You may have more than one type of algae and it is possible that your algae is not hair. There are a lot of disagreements about algae.

Notwithstanding the pronouncements by many people no one seems to have a clue...no scaratch that... no one has a universally acceptable reason or set of reasons as to why the various forms of algae occur.

The person who comes up with the first "algae theory" stands a good chance of becoming rich or at least becoming a hero (which might be better in the long haul.)

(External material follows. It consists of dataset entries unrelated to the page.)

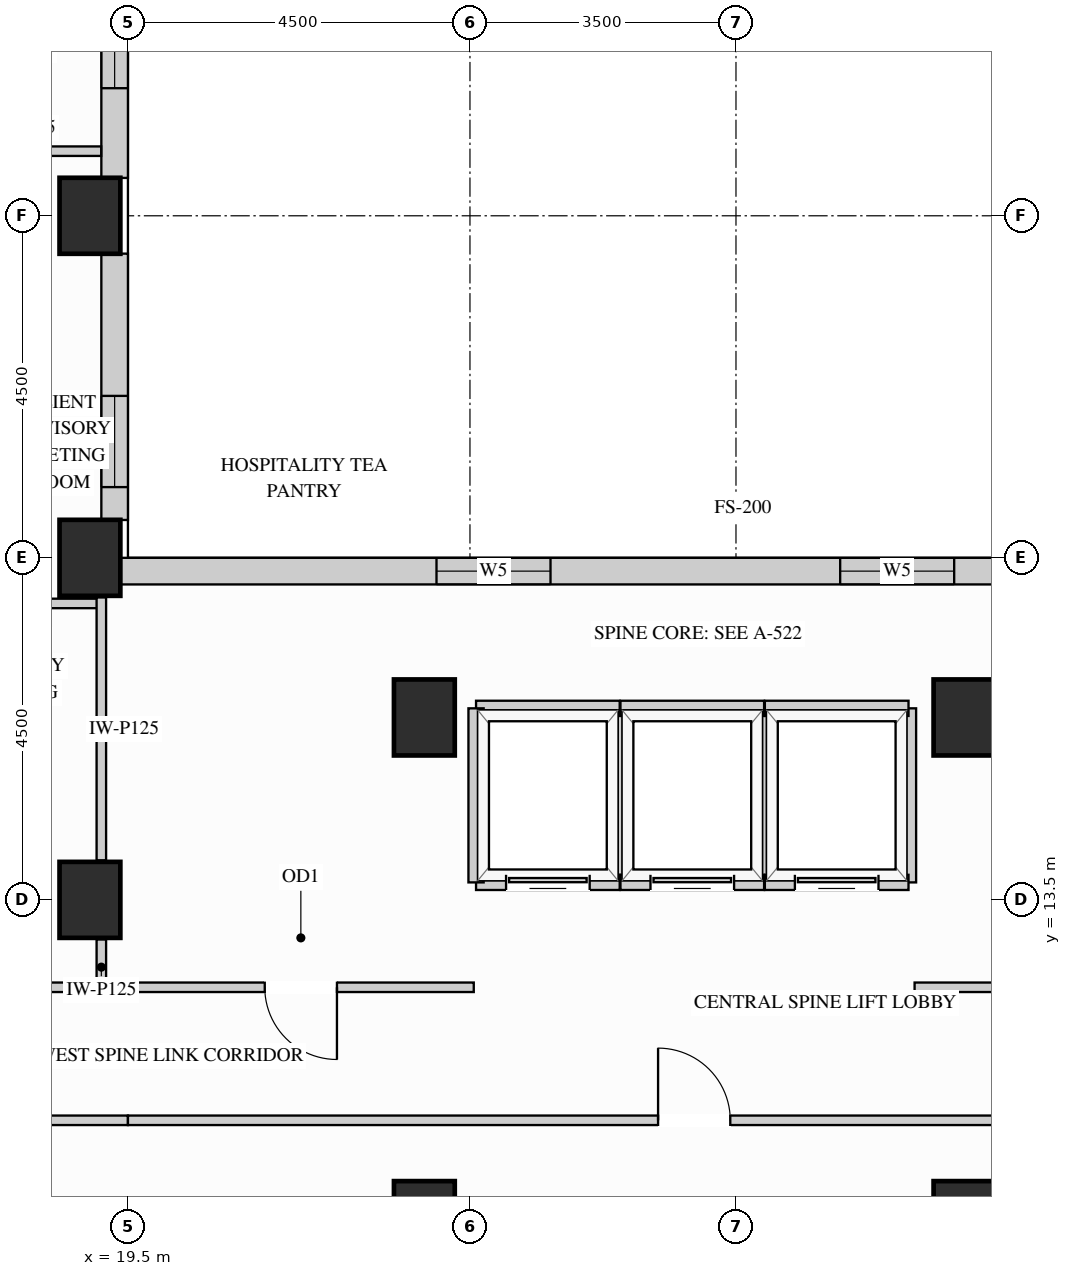
"""IFC4 building model, lengths in metres.
Left out: names, types, materials, properties, quantities, classifications, styles, units other than length and angle.
Written with IfcOpenShell. Run it as: python <this file> out.ifc"""

import sys

from ifc_helpers import new_model, si_unit, direction, frame, frame_2d, origin, origin_2d, place, context, subcontext, project, spatial, rectangle, extrude, source, transform, mapped, element, fill, save


model = new_model("IFC4")
c1 = context("Model", 3, precision=1e-05, world=origin(), true_north=direction((0.0, 1.0)))
c2 = subcontext(c1, "Body", "Model", "MODEL_VIEW")
j1 = project(units=[si_unit("LENGTHUNIT", "METRE"), si_unit("PLANEANGLEUNIT", "RADIAN")], contexts=[c1])
p1 = place(None, origin())
s1 = spatial("IfcSite", under=j1, at=p1, CompositionType="ELEMENT")
p2 = place(p1, origin())
s2 = spatial("IfcBuilding", under=s1, at=p2, CompositionType="ELEMENT")
p3 = place(p2, frame((0.0, 0.0, 164.7)))
s3 = spatial("IfcBuildingStorey", under=s2, at=p3, CompositionType="ELEMENT", Elevation=164.7)
m1 = source(origin(), c2, "Body", "SweptSolid", [
    extrude(rectangle(XDim=0.8, YDim=1.0, at=origin_2d()), origin(), (0.0, 0.0, 1.0), 3.4),
])
for number, where, z_axis, x_axis in (
    (1, (19.0, 13.5, 0.0), (0.0, 0.0, 1.0), (1.0, 0.0, 0.0)),
    (2, (19.0, 18.0, 0.0), (0.0, 0.0, 1.0), (1.0, 0.0, 0.0)),
    (3, (19.0, 22.5, 0.0), (0.0, 0.0, 1.0), (1.0, 0.0, 0.0)),
    (4, (23.4, 15.9, 0.0), (0.0, 0.0, 1.0), (1.0, 0.0, 0.0)),
    (5, (23.4, 9.3, 0.0), (0.0, 0.0, 1.0), (1.0, 0.0, 0.0)),
    (6, (30.5, 15.9, 0.0), (0.0, 0.0, 1.0), (1.0, 0.0, 0.0)),
    (7, (30.5, 9.3, 0.0), (0.0, 0.0, 1.0), (1.0, 0.0, 0.0)),
):
    element("IfcColumn", number, at=place(p3, frame(where, z_axis=z_axis, x_axis=x_axis)), inside=s3, PredefinedType="COLUMN", context=c2, shape_type="MappedRepresentation", body=[
        mapped(m1, transform((0.0, 0.0, 0.0), x_axis=(1.0, 0.0, 0.0), y_axis=(0.0, 1.0, 0.0), z_axis=(0.0, 0.0, 1.0))),
    ])
p4 = place(p3, frame((34.502, 17.825, 0.0), z_axis=(0.0, 0.0, 1.0), x_axis=(-1.0, 0.0, 0.0)))
e8 = element("IfcWall", 8, at=p4, inside=s3, PredefinedType="SOLIDWALL", context=c2, shape_type="SweptSolid", body=[
    extrude(rectangle(XDim=15.104, YDim=0.35, at=frame_2d((7.552, 0.0))), origin(), (0.0, 0.0, 1.0), 3.385),
])
p5 = place(p4, frame((4.131, 0.0, 0.78)))
e9 = element("IfcOpeningElement", 9, at=p5, cuts=e8, PredefinedType="OPENING", context=c2, shape_type="SweptSolid", body=[
    extrude(rectangle(XDim=1.5, YDim=2.0, at=frame_2d((0.75, 1.0))), frame((0.0, 0.185, 0.0), z_axis=(0.0, -1.0, 0.0), x_axis=(1.0, 0.0, 0.0)), (0.0, 0.0, 1.0), 0.37),
])
p6 = place(p4, frame((9.442, 0.0, 0.78)))
e10 = element("IfcOpeningElement", 10, at=p6, cuts=e8, PredefinedType="OPENING", context=c2, shape_type="SweptSolid", body=[
    extrude(rectangle(XDim=1.5, YDim=2.0, at=frame_2d((0.75, 1.0))), frame((0.0, 0.185, 0.0), z_axis=(0.0, -1.0, 0.0), x_axis=(1.0, 0.0, 0.0)), (0.0, 0.0, 1.0), 0.37),
])
p7 = place(p3, frame((19.325, 18.498, 0.0), z_axis=(0.0, 0.0, 1.0), x_axis=(0.0, 1.0, 0.0)))
e11 = element("IfcWall", 11, at=p7, inside=s3, PredefinedType="SOLIDWALL", context=c2, shape_type="SweptSolid", body=[
    extrude(rectangle(XDim=3.504, YDim=0.35, at=frame_2d((1.752, 0.0))), origin(), (0.0, 0.0, 1.0), 2.612),
])
p8 = place(p7, frame((0.433, 0.0, 0.78)))
e12 = element("IfcOpeningElement", 12, at=p8, cuts=e11, PredefinedType="OPENING", context=c2, shape_type="SweptSolid", body=[
    extrude(rectangle(XDim=1.2, YDim=1.652, at=frame_2d((0.6, 0.826))), frame((0.0, 0.185, 0.0), z_axis=(0.0, -1.0, 0.0), x_axis=(1.0, 0.0, 0.0)), (0.0, 0.0, 1.0), 0.37),
])
p9 = place(p3, frame((19.325, 22.998, 0.0), z_axis=(0.0, 0.0, 1.0), x_axis=(0.0, 1.0, 0.0)))
e13 = element("IfcWall", 13, at=p9, inside=s3, PredefinedType="SOLIDWALL", context=c2, shape_type="SweptSolid", body=[
    extrude(rectangle(XDim=3.304, YDim=0.35, at=frame_2d((1.652, 0.0))), origin(), (0.0, 0.0, 1.0), 2.612),
])
p10 = place(p9, frame((1.18, 0.0, 0.78)))
e14 = element("IfcOpeningElement", 14, at=p10, cuts=e13, PredefinedType="OPENING", context=c2, shape_type="SweptSolid", body=[
    extrude(rectangle(XDim=1.5, YDim=1.652, at=frame_2d((0.75, 0.826))), frame((0.0, 0.185, 0.0), z_axis=(0.0, -1.0, 0.0), x_axis=(1.0, 0.0, 0.0)), (0.0, 0.0, 1.0), 0.37),
])
m2 = source(origin(), c2, "Body", "SweptSolid", [
    extrude(rectangle(XDim=2.1, YDim=0.125, at=frame_2d((1.05, 0.0))), origin(), (0.0, 0.0, 1.0), 3.385),
])
p11 = place(p3, frame((17.05, 17.4, 0.0), z_axis=(0.0, 0.0, 1.0), x_axis=(1.0, 0.0, 0.0)))
e15 = element("IfcWall", 15, at=p11, inside=s3, PredefinedType="PARTITIONING", context=c2, shape_type="MappedRepresentation", body=[
    mapped(m2, transform((0.0, 0.0, 0.0), x_axis=(1.0, 0.0, 0.0), y_axis=(0.0, 1.0, 0.0), z_axis=(0.0, 0.0, 1.0))),
])
m3 = source(origin(), c2, "Body", "SweptSolid", [
    extrude(rectangle(XDim=2.098, YDim=0.125, at=frame_2d((1.049, 0.0))), origin(), (0.0, 0.0, 1.0), 3.385),
])
p12 = place(p3, frame((17.05, 23.35, 0.0), z_axis=(0.0, 0.0, 1.0), x_axis=(1.0, 0.0, 0.0)))
e16 = element("IfcWall", 16, at=p12, inside=s3, PredefinedType="PARTITIONING", context=c2, shape_type="MappedRepresentation", body=[
    mapped(m3, transform((0.0, 0.0, 0.0), x_axis=(1.0, 0.0, 0.0), y_axis=(0.0, 1.0, 0.0), z_axis=(0.0, 0.0, 1.0))),
])
m4 = source(origin(), c2, "Body", "SweptSolid", [
    extrude(rectangle(XDim=0.63, YDim=0.125, at=frame_2d((0.315, 0.0))), origin(), (0.0, 0.0, 1.0), 2.773),
])
p13 = place(p3, frame((19.15, 12.35, 0.0), z_axis=(0.0, 0.0, 1.0), x_axis=(0.0, 1.0, 0.0)))
e17 = element("IfcWall", 17, at=p13, inside=s3, PredefinedType="PARTITIONING", context=c2, shape_type="MappedRepresentation", body=[
    mapped(m4, transform((0.0, 0.0, 0.0), x_axis=(1.0, 0.0, 0.0), y_axis=(0.0, 1.0, 0.0), z_axis=(0.0, 0.0, 1.0))),
])
m5 = source(origin(), c2, "Body", "SweptSolid", [
    extrude(rectangle(XDim=3.46, YDim=0.125, at=frame_2d((1.73, 0.0))), origin(), (0.0, 0.0, 1.0), 2.773),
])
p14 = place(p3, frame((19.15, 14.02, 0.0), z_axis=(0.0, 0.0, 1.0), x_axis=(0.0, 1.0, 0.0)))
e18 = element("IfcWall", 18, at=p14, inside=s3, PredefinedType="PARTITIONING", context=c2, shape_type="MappedRepresentation", body=[
    mapped(m5, transform((0.0, 0.0, 0.0), x_axis=(1.0, 0.0, 0.0), y_axis=(0.0, 1.0, 0.0), z_axis=(0.0, 0.0, 1.0))),
])
p15 = place(p3, frame((29.85, 12.35, 0.0), z_axis=(0.0, 0.0, 1.0), x_axis=(1.0, 0.0, 0.0)))
e19 = element("IfcWall", 19, at=p15, inside=s3, PredefinedType="PARTITIONING", context=c2, shape_type="SweptSolid", body=[
    extrude(rectangle(XDim=4.55, YDim=0.125, at=frame_2d((2.275, 0.0))), origin(), (0.0, 0.0, 1.0), 3.385),
])
p16 = place(p15, frame((1.8, 0.0, 0.0)))
e20 = element("IfcOpeningElement", 20, at=p16, cuts=e19, PredefinedType="OPENING", context=c2, shape_type="SweptSolid", body=[
    extrude(rectangle(XDim=0.95, YDim=2.15, at=frame_2d((0.475, 1.075))), frame((0.0, 0.073, 0.0), z_axis=(0.0, -1.0, 0.0), x_axis=(1.0, 0.0, 0.0)), (0.0, 0.0, 1.0), 0.145),
])
m6 = source(origin(), c2, "Body", "SweptSolid", [
    extrude(rectangle(XDim=2.45, YDim=0.125, at=frame_2d((1.225, 0.0))), origin(), (0.0, 0.0, 1.0), 3.385),
])
p17 = place(p3, frame((17.05, 12.35, 0.0), z_axis=(0.0, 0.0, 1.0), x_axis=(1.0, 0.0, 0.0)))
e21 = element("IfcWall", 21, at=p17, inside=s3, PredefinedType="PARTITIONING", context=c2, shape_type="MappedRepresentation", body=[
    mapped(m6, transform((0.0, 0.0, 0.0), x_axis=(1.0, 0.0, 0.0), y_axis=(0.0, 1.0, 0.0), z_axis=(0.0, 0.0, 1.0))),
])
p18 = place(p3, frame((19.5, 12.35, 0.0), z_axis=(0.0, 0.0, 1.0), x_axis=(1.0, 0.0, 0.0)))
e22 = element("IfcWall", 22, at=p18, inside=s3, PredefinedType="PARTITIONING", context=c2, shape_type="SweptSolid", body=[
    extrude(rectangle(XDim=4.55, YDim=0.125, at=frame_2d((2.275, 0.0))), origin(), (0.0, 0.0, 1.0), 3.385),
])
p19 = place(p18, frame((1.8, 0.0, 0.0)))
e23 = element("IfcOpeningElement", 23, at=p19, cuts=e22, PredefinedType="OPENING", context=c2, shape_type="SweptSolid", body=[
    extrude(rectangle(XDim=0.95, YDim=2.15, at=frame_2d((0.475, 1.075))), frame((0.0, 0.073, 0.0), z_axis=(0.0, -1.0, 0.0), x_axis=(1.0, 0.0, 0.0)), (0.0, 0.0, 1.0), 0.145),
])
p20 = place(p3, frame((17.05, 10.6, 0.0), z_axis=(0.0, 0.0, 1.0), x_axis=(1.0, 0.0, 0.0)))
e24 = element("IfcWall", 24, at=p20, inside=s3, PredefinedType="PARTITIONING", context=c2, shape_type="MappedRepresentation", body=[
    mapped(m6, transform((0.0, 0.0, 0.0), x_axis=(1.0, 0.0, 0.0), y_axis=(0.0, 1.0, 0.0), z_axis=(0.0, 0.0, 1.0))),
])
p21 = place(p3, frame((19.5, 10.6, 0.0), z_axis=(0.0, 0.0, 1.0), x_axis=(1.0, 0.0, 0.0)))
e25 = element("IfcWall", 25, at=p21, inside=s3, PredefinedType="PARTITIONING", context=c2, shape_type="SweptSolid", body=[
    extrude(rectangle(XDim=14.9, YDim=0.125, at=frame_2d((7.45, 0.0))), origin(), (0.0, 0.0, 1.0), 3.385),
])
p22 = place(p21, frame((6.975, 0.0, 0.0)))
e26 = element("IfcOpeningElement", 26, at=p22, cuts=e25, PredefinedType="OPENING", context=c2, shape_type="SweptSolid", body=[
    extrude(rectangle(XDim=0.95, YDim=2.15, at=frame_2d((0.475, 1.075))), frame((0.0, 0.073, 0.0), z_axis=(0.0, -1.0, 0.0), x_axis=(1.0, 0.0, 0.0)), (0.0, 0.0, 1.0), 0.145),
])
m7 = source(origin(), c2, "Body", "SweptSolid", [
    extrude(rectangle(XDim=2.29, YDim=0.2, at=frame_2d((1.145, 0.0))), origin(), (0.0, 0.0, 1.0), 3.385),
])
p23 = place(p3, frame((25.97, 13.73, 0.0), z_axis=(0.0, 0.0, 1.0), x_axis=(0.0, 1.0, 0.0)))
e27 = element("IfcWall", 27, at=p23, inside=s3, PredefinedType="PARTITIONING", context=c2, shape_type="MappedRepresentation", body=[
    mapped(m7, transform((0.0, 0.0, 0.0), x_axis=(1.0, 0.0, 0.0), y_axis=(0.0, 1.0, 0.0), z_axis=(0.0, 0.0, 1.0))),
])
m8 = source(origin(), c2, "Body", "SweptSolid", [
    extrude(rectangle(XDim=1.89, YDim=0.2, at=frame_2d((0.945, 0.0))), origin(), (0.0, 0.0, 1.0), 2.773),
])
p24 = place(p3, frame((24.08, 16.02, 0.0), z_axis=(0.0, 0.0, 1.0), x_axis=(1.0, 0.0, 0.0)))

I will probably get hammered for this but that's what comes of letting me stay up past my bedtime.


----------



## Mr. Fish (Oct 24, 2007)

Cliff Mayes said:


> To my knowledge, no you cannot see chemicals in the water coming from plants. It sounds as if you have oxygen bubbling out, which is a good thing.
> 
> You may have more than one type of algae and it is possible that your algae is not hair. There are a lot of disagreements about algae.
> 
> ...


Yea I dont think its algea hair. Its like dark strands growing out from the sides of the leaves....
Then slowly that leave dies off.... Not sure what type of algea its called.
But its mainly those affected plants that do that.... Maybe oxygen not sure tho...
I'm killing all this algae once I get my Flourish Excell I've heard that works great...


----------



## trenac (Jul 16, 2004)

Sounds to me that you have "black beard" algea, basically grows in gray tufts & darker low growth along the edges of leaves. Sae's do a good job at eating the newer growth. If you have a 10000k bulb get rid of it, because I have found that it helps it growth. 

The stream of bubbles you see is called "false pearling". It happens when a leaf has been injured/damaged in some way. It can come from a torn spot or where the leaf/stem has been cut off.


----------



## Mr. Fish (Oct 24, 2007)

^ Thanks alot Trenac... Yea that does make sense "Black Beard Algae"...
What usually triggers that? Also I know its a big no no but I use this planted
tank for my Goldfish that ive had for over 4 years... SAE's wouldnt be able to mix would they?
My water is usually at 74-76F ... I plan on passing him on to a friend due to him pickin at my plants... Also thats probably why alot of my plants are fake pearling,
and I did notice that after I cut a few plants, is that due to incorrect cuttings or is it just normal?
(Still learning this cutting, trimming and topping stuff)


----------



## trenac (Jul 16, 2004)

Low C02 levels are usually the main cause for BBA. You can also spot treat with Seachem Excel. 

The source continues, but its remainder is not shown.